Sparks: Helping light the fire of diversity in WEA
We are stronger when we are all together.
It’s a union truism. And it’s a truth that, too often, has been overlooked or ignored through institutional racism, unintentional implicit bias, or a failure to intentionally, proactively engage with educators of color and minority cultures. Washington’s schools face a huge deficit in the ratio of educators of color compared to students of color. Encouraging more educators of color to work in our state, and helping retain those who already are working here, will help reduce that deficit.
“Diversity makes people better,” notes Naché Duncan, WEA’s Coordinator for Student Programs, ESP and Early Career Educators. “The more you know the more you grow.”
That is the backdrop for this year’s Diversity Sparks, a conference sponsored by WEA for early career educators. Diversity Sparks is part of a conscious effort by the Association to help newer educators succeed in their classrooms, learn about their union, and to create avenues to identify and mentor new leaders.

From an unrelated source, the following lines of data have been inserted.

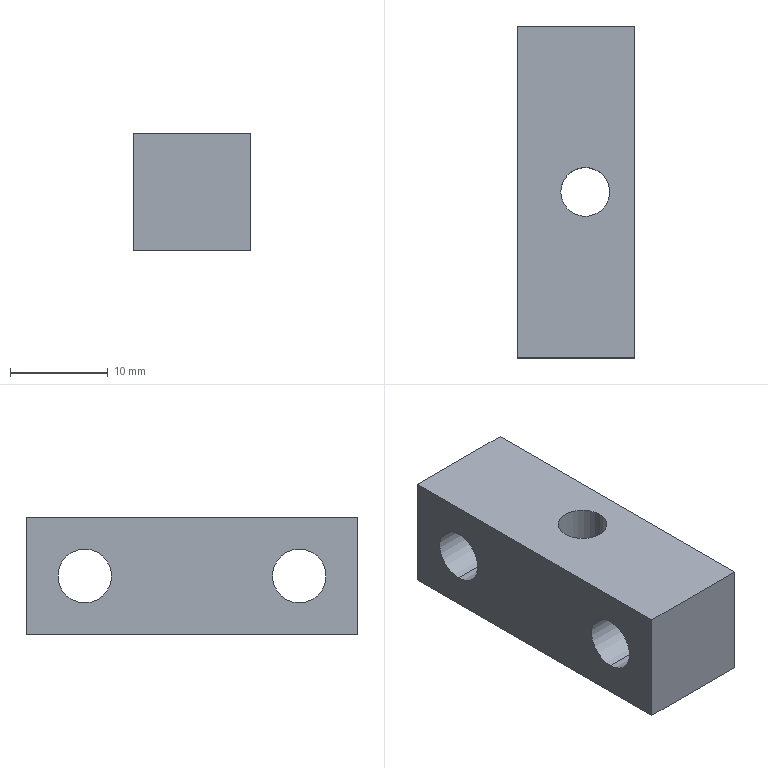Component | SolidWorks | CHEN123-AA-37-2 | 1 solid | 18 faces | box 12 x 34 x 12 mm | volume 3499 mm3 | cylinder 10 | plane 8 | commonest cylinder face diameters 10 x4 5.5 x4 5 x2
build123d program:
from build123d import *

# Parameters (mm, degrees)
SKETCH1_W                                       = 12
SKETCH1_H                                       = 34
BOSS_EXTRUDE1_DEPTH                             = 12
M6_TAPPED_HOLE1_D                               = 5
M5_HEX_SOCKET_HEAD_CAP_SCREW_CBORE1_D           = 5.5
M5_HEX_SOCKET_HEAD_CAP_SCREW_CBORE1_CBORE_D     = 10
M5_HEX_SOCKET_HEAD_CAP_SCREW_CBORE1_CBORE_DEPTH = 5.4


with BuildPart() as part:
    # Sketch1 → Boss-Extrude1 (new body)
    with BuildSketch(Plane.XY):
        Rectangle(SKETCH1_W, SKETCH1_H)
    extrude(amount=BOSS_EXTRUDE1_DEPTH)

    # M6 Tapped Hole1 (through all)
    with Locations(Plane(origin=(6, 0, 0), x_dir=(0, 0, -1), z_dir=(1, 0, 0))):
        with Locations((-6.948, 0)):
            Hole(M6_TAPPED_HOLE1_D / 2)

    # M5 Hex Socket Head Cap Screw CBORE1 (through all)
    with Locations(Plane.XY.offset(12)):
        with Locations((0, -11), (0, 11)):
            CounterBoreHole(M5_HEX_SOCKET_HEAD_CAP_SCREW_CBORE1_D / 2, M5_HEX_SOCKET_HEAD_CAP_SCREW_CBORE1_CBORE_D / 2, M5_HEX_SOCKET_HEAD_CAP_SCREW_CBORE1_CBORE_DEPTH)


solid = part.part

# Placed as in the assembly
solid = solid.moved(Location((28, -45.999, -156), (0, 90, 0)))
STEP:
#1=COLOUR_RGB('',0.7922,0.8196,0.9333);
#2=FILL_AREA_STYLE_COLOUR('',#1);
#3=FILL_AREA_STYLE('',(#2));
#4=SURFACE_STYLE_FILL_AREA(#3);
#5=SURFACE_SIDE_STYLE('',(#4));
#6=SURFACE_STYLE_USAGE(.BOTH.,#5);
#7=PRESENTATION_STYLE_ASSIGNMENT((#6));
#8=CARTESIAN_POINT('',(1.362,-2.244,-5.945));
#9=VERTEX_POINT('',#8);
#10=CARTESIAN_POINT('',(1.362,-2.244,-6.339));
#11=VERTEX_POINT('',#10);
#12=CARTESIAN_POINT('',(1.362,-2.244,-6.142));
#13=DIRECTION('',(1.,0.,0.));
#14=DIRECTION('',(0.,0.,-1.));
#15=AXIS2_PLACEMENT_3D('',#12,#13,#14);
#16=CIRCLE('',#15,0.1969);
#17=EDGE_CURVE('',#9,#11,#16,.T.);
#18=ORIENTED_EDGE('',*,*,#17,.F.);
#19=CARTESIAN_POINT('',(1.575,-2.244,-5.945));
#20=VERTEX_POINT('',#19);
#21=CARTESIAN_POINT('',(1.575,-2.244,-5.945));
#22=DIRECTION('',(1.,0.,0.));
#23=VECTOR('',#22,39.37);
#24=LINE('',#21,#23);
#25=EDGE_CURVE('',#9,#20,#24,.T.);
#26=ORIENTED_EDGE('',*,*,#25,.T.);
#27=CARTESIAN_POINT('',(1.575,-2.244,-6.339));
#28=VERTEX_POINT('',#27);
#29=CARTESIAN_POINT('',(1.575,-2.244,-6.142));
#30=DIRECTION('',(1.,0.,0.));
#31=DIRECTION('',(0.,0.,-1.));
#32=AXIS2_PLACEMENT_3D('',#29,#30,#31);
#33=CIRCLE('',#32,0.1969);
#34=EDGE_CURVE('',#20,#28,#33,.T.);
#35=ORIENTED_EDGE('',*,*,#34,.T.);
#36=CARTESIAN_POINT('',(1.575,-2.244,-6.339));
#37=DIRECTION('',(1.,0.,0.));
#38=VECTOR('',#37,39.37);
#39=LINE('',#36,#38);
#40=EDGE_CURVE('',#11,#28,#39,.T.);
#41=ORIENTED_EDGE('',*,*,#40,.F.);
#42=EDGE_LOOP('',(#18,#26,#35,#41));
#43=FACE_OUTER_BOUND('',#42,.T.);
#44=CARTESIAN_POINT('',(1.575,-2.244,-6.142));
#45=DIRECTION('',(1.,0.,0.));
#46=DIRECTION('',(0.,0.,-1.));
#47=AXIS2_PLACEMENT_3D('',#44,#45,#46);
#48=CYLINDRICAL_SURFACE('',#47,0.1969);
#49=ADVANCED_FACE('',(#43),#48,.F.);
#50=CARTESIAN_POINT('',(1.102,-2.244,-6.033));
#51=VERTEX_POINT('',#50);
#52=CARTESIAN_POINT('',(1.102,-2.244,-6.25));
#53=VERTEX_POINT('',#52);
#54=CARTESIAN_POINT('',(1.102,-2.244,-6.142));
#55=DIRECTION('',(1.,0.,0.));
#56=DIRECTION('',(0.,0.,-1.));
#57=AXIS2_PLACEMENT_3D('',#54,#55,#56);
#58=CIRCLE('',#57,0.1083);
#59=EDGE_CURVE('',#51,#53,#58,.T.);
#60=ORIENTED_EDGE('',*,*,#59,.F.);
#61=CARTESIAN_POINT('',(1.362,-2.244,-6.033));
#62=VERTEX_POINT('',#61);
#63=CARTESIAN_POINT('',(1.575,-2.244,-6.033));
#64=DIRECTION('',(1.,0.,0.));
#65=VECTOR('',#64,39.37);
#66=LINE('',#63,#65);
#67=EDGE_CURVE('',#51,#62,#66,.T.);
#68=ORIENTED_EDGE('',*,*,#67,.T.);
#69=CARTESIAN_POINT('',(1.362,-2.244,-6.25));
#70=VERTEX_POINT('',#69);
#71=CARTESIAN_POINT('',(1.362,-2.244,-6.142));
#72=DIRECTION('',(1.,0.,0.));
#73=DIRECTION('',(0.,0.,-1.));
#74=AXIS2_PLACEMENT_3D('',#71,#72,#73);
#75=CIRCLE('',#74,0.1083);
#76=EDGE_CURVE('',#62,#70,#75,.T.);
#77=ORIENTED_EDGE('',*,*,#76,.T.);
#78=CARTESIAN_POINT('',(1.575,-2.244,-6.25));
#79=DIRECTION('',(1.,0.,0.));
#80=VECTOR('',#79,39.37);
#81=LINE('',#78,#80);
#82=EDGE_CURVE('',#53,#70,#81,.T.);
#83=ORIENTED_EDGE('',*,*,#82,.F.);
#84=EDGE_LOOP('',(#60,#68,#77,#83));
#85=FACE_OUTER_BOUND('',#84,.T.);
#86=CARTESIAN_POINT('',(1.575,-2.244,-6.142));
#87=DIRECTION('',(1.,0.,0.));
#88=DIRECTION('',(0.,0.,-1.));
#89=AXIS2_PLACEMENT_3D('',#86,#87,#88);
#90=CYLINDRICAL_SURFACE('',#89,0.1083);
#91=ADVANCED_FACE('',(#85),#90,.F.);
#92=CARTESIAN_POINT('',(1.362,-1.378,-5.945));
#93=VERTEX_POINT('',#92);
#94=CARTESIAN_POINT('',(1.362,-1.378,-6.339));
#95=VERTEX_POINT('',#94);
#96=CARTESIAN_POINT('',(1.362,-1.378,-6.142));
#97=DIRECTION('',(1.,0.,0.));
#98=DIRECTION('',(0.,0.,-1.));
#99=AXIS2_PLACEMENT_3D('',#96,#97,#98);
#100=CIRCLE('',#99,0.1969);
#101=EDGE_CURVE('',#93,#95,#100,.T.);
#102=ORIENTED_EDGE('',*,*,#101,.F.);
#103=CARTESIAN_POINT('',(1.575,-1.378,-5.945));
#104=VERTEX_POINT('',#103);
#105=CARTESIAN_POINT('',(1.575,-1.378,-5.945));
#106=DIRECTION('',(1.,0.,0.));
#107=VECTOR('',#106,39.37);
#108=LINE('',#105,#107);
#109=EDGE_CURVE('',#93,#104,#108,.T.);
#110=ORIENTED_EDGE('',*,*,#109,.T.);
#111=CARTESIAN_POINT('',(1.575,-1.378,-6.339));
#112=VERTEX_POINT('',#111);
#113=CARTESIAN_POINT('',(1.575,-1.378,-6.142));
#114=DIRECTION('',(1.,0.,0.));
#115=DIRECTION('',(0.,0.,-1.));
#116=AXIS2_PLACEMENT_3D('',#113,#114,#115);
#117=CIRCLE('',#116,0.1969);
#118=EDGE_CURVE('',#104,#112,#117,.T.);
#119=ORIENTED_EDGE('',*,*,#118,.T.);
#120=CARTESIAN_POINT('',(1.575,-1.378,-6.339));
#121=DIRECTION('',(1.,0.,0.));
#122=VECTOR('',#121,39.37);
#123=LINE('',#120,#122);
#124=EDGE_CURVE('',#95,#112,#123,.T.);
#125=ORIENTED_EDGE('',*,*,#124,.F.);
#126=EDGE_LOOP('',(#102,#110,#119,#125));
#127=FACE_OUTER_BOUND('',#126,.T.);
#128=CARTESIAN_POINT('',(1.575,-1.378,-6.142));
#129=DIRECTION('',(1.,0.,0.));
#130=DIRECTION('',(0.,0.,-1.));
#131=AXIS2_PLACEMENT_3D('',#128,#129,#130);
#132=CYLINDRICAL_SURFACE('',#131,0.1969);
#133=ADVANCED_FACE('',(#127),#132,.F.);
#134=CARTESIAN_POINT('',(1.102,-1.378,-6.033));
#135=VERTEX_POINT('',#134);
#136=CARTESIAN_POINT('',(1.102,-1.378,-6.25));
#137=VERTEX_POINT('',#136);
#138=CARTESIAN_POINT('',(1.102,-1.378,-6.142));
#139=DIRECTION('',(1.,0.,0.));
#140=DIRECTION('',(0.,0.,-1.));
#141=AXIS2_PLACEMENT_3D('',#138,#139,#140);
#142=CIRCLE('',#141,0.1083);
#143=EDGE_CURVE('',#135,#137,#142,.T.);
#144=ORIENTED_EDGE('',*,*,#143,.F.);
#145=CARTESIAN_POINT('',(1.362,-1.378,-6.033));
#146=VERTEX_POINT('',#145);
#147=CARTESIAN_POINT('',(1.575,-1.378,-6.033));
#148=DIRECTION('',(1.,0.,0.));
#149=VECTOR('',#148,39.37);
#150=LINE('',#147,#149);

“The goal of diversity sparks is to really engage our early career educators of color,” Duncan says.
To do that, Sparks offers a custom agenda driven by the interests and needs of each year’s individual participants, typically members with five years’ experience or less. This year, members wanted to focus on classroom management and, especially, culturally responsive classroom management.
Sparks participant Elizabeth Capetillo says she shares those interests: “Anything I can do to promote more teachers of color, I’m all for it.”
As an English Language teacher from Selah, Capetillo says a lot of her job includes advocating for students of color at her school.
“I’m hoping to learn more about restorative justice,” the fourth-year teacher said. “The other reason I came here is to learn more about leadership roles in WEA.”
Topics this year included culturally responsive classroom management, a mix of basic unionism FAQs, and a “True Colors” exercise that helps identify differing temperaments and behavior styles so that participants can gain a more inciteful understanding of themselves, their colleagues and their students, and then use strategies to work successfully among those differences. Aaron Dorsey, a trainer from NEA’s Center for Social Justice, led a session on restorative justice practices that focused on creating environments so that all participants can feel safe while finding resolutions to address wrongdoing, repair harm and restore relationships.
The training concludes with Sparks participants joining a weekend Human and Civil Rights Leadership Conference at WEA’s main office in Federal Way.